Custom dashboards can be built using drag-and-drop tools or SQL queries, combining metrics, logs, and traces in a single view. Logs-to-metrics automatically extracts structured metrics from logs, reducing the need for manual instrumentation.

eBPF’s in-kernel aggregation significantly reduces data volume, and when paired with ClickHouse storage, enables distributed tracing at up to 30× lower cost than competitors like Datadog. Complete traces can be stored without sampling, and SQL or PromQL queries can be run across billions of spans with sub-second latency.

Main Benefits:

  • eBPF auto-instrumentation for Kubernetes and Docker
  • Automatic database monitoring without agents
  • Service maps generated from eBPF network traces
  • 30x cheaper than Datadog with predictable pricing
  • OpenTelemetry-native for vendor flexibility
  • SQL and PromQL queries with sub-second response times
  • ClickHouse storage for cost-effective retention
  • AI-powered root cause analysis
  • Integration with Better Stack Uptime for comprehensive observability
  • Available in 4 regions with custom deployments
  • SOC 2 Type 2, GDPR, and ISO 27001 compliant
  • 60-day money-back guarantee

The Future of eBPF

eBPF capabilities continue expanding with each kernel release. CO-RE (Compile Once, Run Everywhere) makes eBPF programs portable across kernel versions, eliminating the need for per-kernel compilation. BTF (BPF Type Format) provides rich type information that tools use for safer, more capable instrumentation.

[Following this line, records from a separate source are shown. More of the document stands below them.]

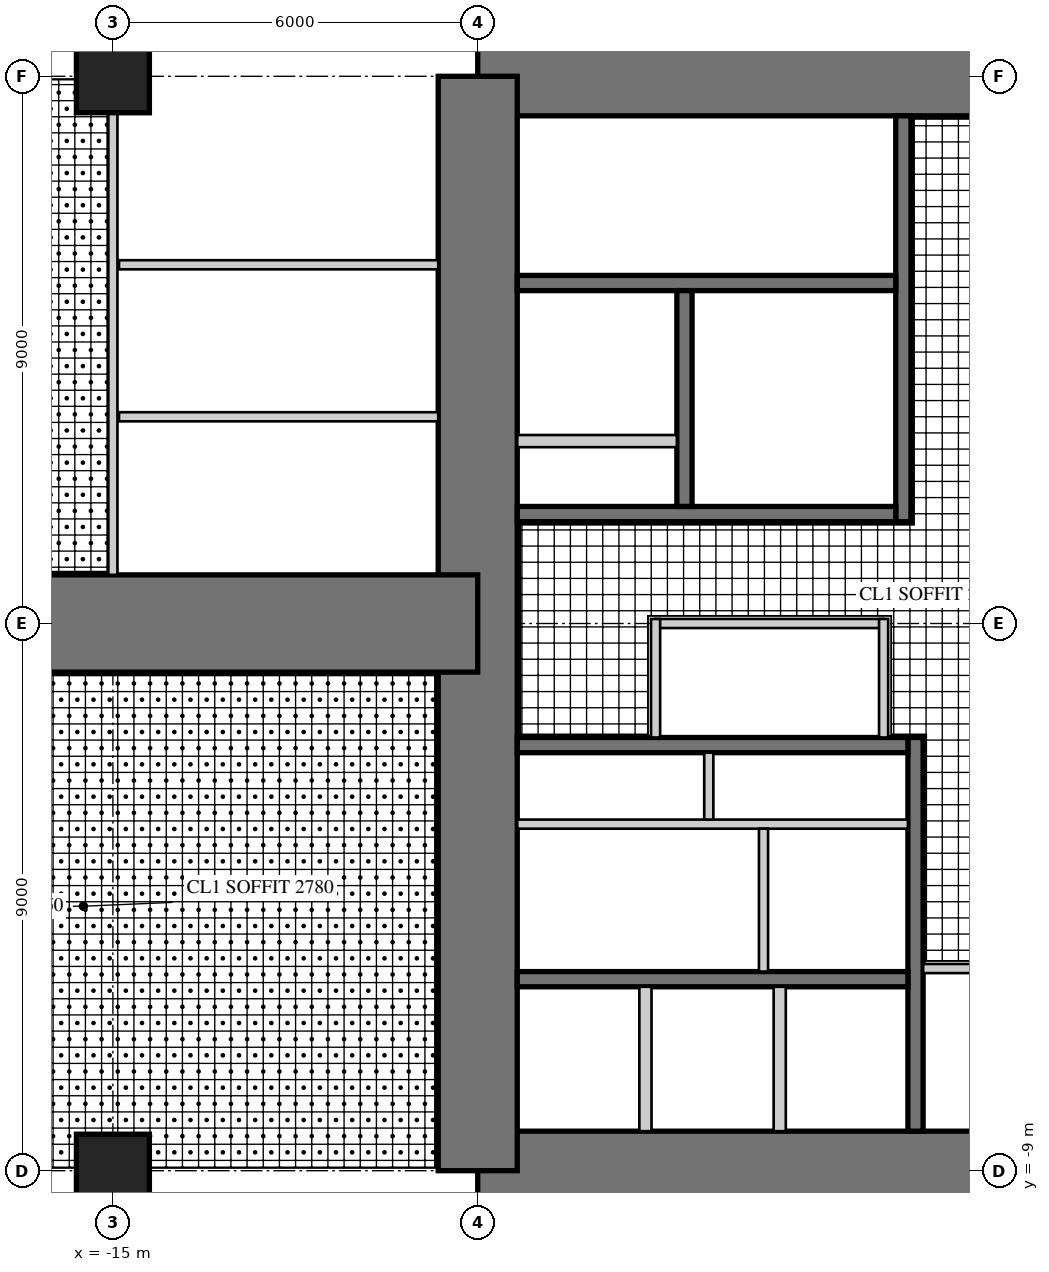
"""IFC4 building model, lengths in metres.
Left out: names, types, materials, properties, quantities, classifications, styles, units other than length and angle.
Written with IfcOpenShell. Run it as: python <this file> out.ifc"""

import sys

from ifc_helpers import new_model, si_unit, direction, frame, frame_2d, origin, origin_2d, place, context, subcontext, project, spatial, rectangle, extrude, element, fill, save


model = new_model("IFC4")
c1 = context("Model", 3, precision=1e-05, world=origin(), true_north=direction((0.0, 1.0)))
c2 = subcontext(c1, "Body", "Model", "MODEL_VIEW")
j1 = project(units=[si_unit("LENGTHUNIT", "METRE"), si_unit("PLANEANGLEUNIT", "RADIAN")], contexts=[c1])
p1 = place(None, origin())
s1 = spatial("IfcSite", under=j1, at=p1, CompositionType="ELEMENT")
p2 = place(p1, origin())
s2 = spatial("IfcBuilding", under=s1, at=p2, CompositionType="ELEMENT")
p3 = place(p2, frame((0.0, 0.0, 27.5)))
s3 = spatial("IfcBuildingStorey", under=s2, at=p3, CompositionType="ELEMENT", Elevation=27.5)
p4 = place(p3, frame((9.0, 9.0, 0.0), z_axis=(0.0, 0.0, 1.0), x_axis=(-1.0, 0.0, 0.0)))
e1 = element("IfcWall", 1, at=p4, inside=s3, PredefinedType="SHEAR", context=c2, shape_type="SweptSolid", body=[
    extrude(rectangle(XDim=18.0, YDim=1.3, at=frame_2d((9.0, 0.0))), origin(), (0.0, 0.0, 1.0), 4.0),
])
p5 = place(p4, frame((9.8, 0.0, 0.0)))
e2 = element("IfcOpeningElement", 2, at=p5, cuts=e1, PredefinedType="OPENING", context=c2, shape_type="SweptSolid", body=[
    extrude(rectangle(XDim=1.0, YDim=2.4, at=frame_2d((0.5, 1.2))), frame((0.0, 0.66, 0.0), z_axis=(0.0, -1.0, 0.0), x_axis=(1.0, 0.0, 0.0)), (0.0, 0.0, 1.0), 1.32),
])
p6 = place(p3, frame((-9.0, -9.0, 0.0), z_axis=(0.0, 0.0, 1.0), x_axis=(1.0, 0.0, 0.0)))
e3 = element("IfcWall", 3, at=p6, inside=s3, PredefinedType="SHEAR", context=c2, shape_type="SweptSolid", body=[
    extrude(rectangle(XDim=18.0, YDim=1.3, at=frame_2d((9.0, 0.0))), origin(), (0.0, 0.0, 1.0), 4.0),
])
p7 = place(p6, frame((9.8, 0.0, 0.0)))
e4 = element("IfcOpeningElement", 4, at=p7, cuts=e3, PredefinedType="OPENING", context=c2, shape_type="SweptSolid", body=[
    extrude(rectangle(XDim=1.0, YDim=2.4, at=frame_2d((0.5, 1.2))), frame((0.0, 0.66, 0.0), z_axis=(0.0, -1.0, 0.0), x_axis=(1.0, 0.0, 0.0)), (0.0, 0.0, 1.0), 1.32),
])
p8 = place(p3, frame((-9.0, 9.0, 0.0), z_axis=(0.0, 0.0, 1.0), x_axis=(0.0, -1.0, 0.0)))
e5 = element("IfcWall", 5, at=p8, inside=s3, PredefinedType="SHEAR", context=c2, shape_type="SweptSolid", body=[
    extrude(rectangle(XDim=18.0, YDim=1.3, at=frame_2d((9.0, 0.0))), origin(), (0.0, 0.0, 1.0), 4.0),
])
p9 = place(p8, frame((9.8, 0.0, 0.0)))
e6 = element("IfcOpeningElement", 6, at=p9, cuts=e5, PredefinedType="OPENING", context=c2, shape_type="SweptSolid", body=[
    extrude(rectangle(XDim=1.0, YDim=2.4, at=frame_2d((0.5, 1.2))), frame((0.0, 0.66, 0.0), z_axis=(0.0, -1.0, 0.0), x_axis=(1.0, 0.0, 0.0)), (0.0, 0.0, 1.0), 1.32),
])
p10 = place(p3, frame((-2.0, 1.675, 0.0), z_axis=(0.0, 0.0, 1.0), x_axis=(0.0, 1.0, 0.0)))
e7 = element("IfcWall", 7, at=p10, inside=s3, PredefinedType="SHEAR", context=c2, shape_type="SweptSolid", body=[
    extrude(rectangle(XDim=6.675, YDim=0.25, at=frame_2d((3.337, 0.0))), origin(), (0.0, 0.0, 1.0), 4.0),
])
p11 = place(p10, frame((0.725, 0.0, 0.0)))
e8 = element("IfcOpeningElement", 8, at=p11, cuts=e7, PredefinedType="OPENING", context=c2, shape_type="SweptSolid", body=[
    extrude(rectangle(XDim=1.0, YDim=2.1, at=frame_2d((0.5, 1.05))), frame((0.0, 0.135, 0.0), z_axis=(0.0, -1.0, 0.0), x_axis=(1.0, 0.0, 0.0)), (0.0, 0.0, 1.0), 0.27),
])
p12 = place(p3, frame((-2.125, 1.8, 0.0), z_axis=(0.0, 0.0, 1.0), x_axis=(-1.0, 0.0, 0.0)))
e9 = element("IfcWall", 9, at=p12, inside=s3, PredefinedType="SHEAR", context=c2, shape_type="SweptSolid", body=[
    extrude(rectangle(XDim=6.225, YDim=0.25, at=frame_2d((3.113, 0.0))), origin(), (0.0, 0.0, 1.0), 4.0),
])
p13 = place(p3, frame((-2.125, 5.6, 0.0), z_axis=(0.0, 0.0, 1.0), x_axis=(-1.0, 0.0, 0.0)))
e10 = element("IfcWall", 10, at=p13, inside=s3, PredefinedType="SHEAR", context=c2, shape_type="SweptSolid", body=[
    extrude(rectangle(XDim=6.225, YDim=0.25, at=frame_2d((3.113, 0.0))), origin(), (0.0, 0.0, 1.0), 4.0),
])
p14 = place(p13, frame((0.175, 0.0, 0.0)))
e11 = element("IfcOpeningElement", 11, at=p14, cuts=e10, PredefinedType="OPENING", context=c2, shape_type="SweptSolid", body=[
    extrude(rectangle(XDim=1.0, YDim=2.1, at=frame_2d((0.5, 1.05))), frame((0.0, 0.135, 0.0), z_axis=(0.0, -1.0, 0.0), x_axis=(1.0, 0.0, 0.0)), (0.0, 0.0, 1.0), 0.27),
])
p15 = place(p3, frame((-5.6, 1.925, 0.0), z_axis=(0.0, 0.0, 1.0), x_axis=(0.0, 1.0, 0.0)))
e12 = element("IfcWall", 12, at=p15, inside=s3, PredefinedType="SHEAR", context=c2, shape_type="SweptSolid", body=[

Language ecosystems are embracing eBPF too. Go, Rust, and other languages now have eBPF libraries for writing programs without C. This lowers the barrier to custom eBPF development.

Cloud providers are building eBPF into their managed services. AWS, GCP, and Azure increasingly use eBPF internally for networking, security, and observability—and expose these capabilities to customers.

Final thoughts

eBPF transformed Linux observability by making kernel instrumentation safe, efficient, and accessible. The tools covered here—BCC, bpftrace, Cilium, Pixie, Inspektor Gadget, Tracee, Parca, and kubectl-trace—represent mature, production-tested solutions for performance analysis, troubleshooting, and security monitoring.

Start with the open-source tools that match your immediate needs. Use BCC or bpftrace for investigations, Cilium for Kubernetes networking visibility, or Inspektor Gadget for pod-level debugging. These tools are free, well-documented, and used daily by engineers at thousands of companies.

For teams requiring managed observability platforms with eBPF capabilities, Better Stack provides automatic instrumentation, unified dashboards, cost-effective storage, and AI-powered analysis. You get the deep visibility of eBPF tracing without operating your own collection infrastructure.

The investment in learning eBPF pays off through faster incident resolution, better performance optimization, and deeper system understanding. With tools becoming more accessible and kernels gaining new capabilities, there's never been a better time to adopt eBPF-based observability.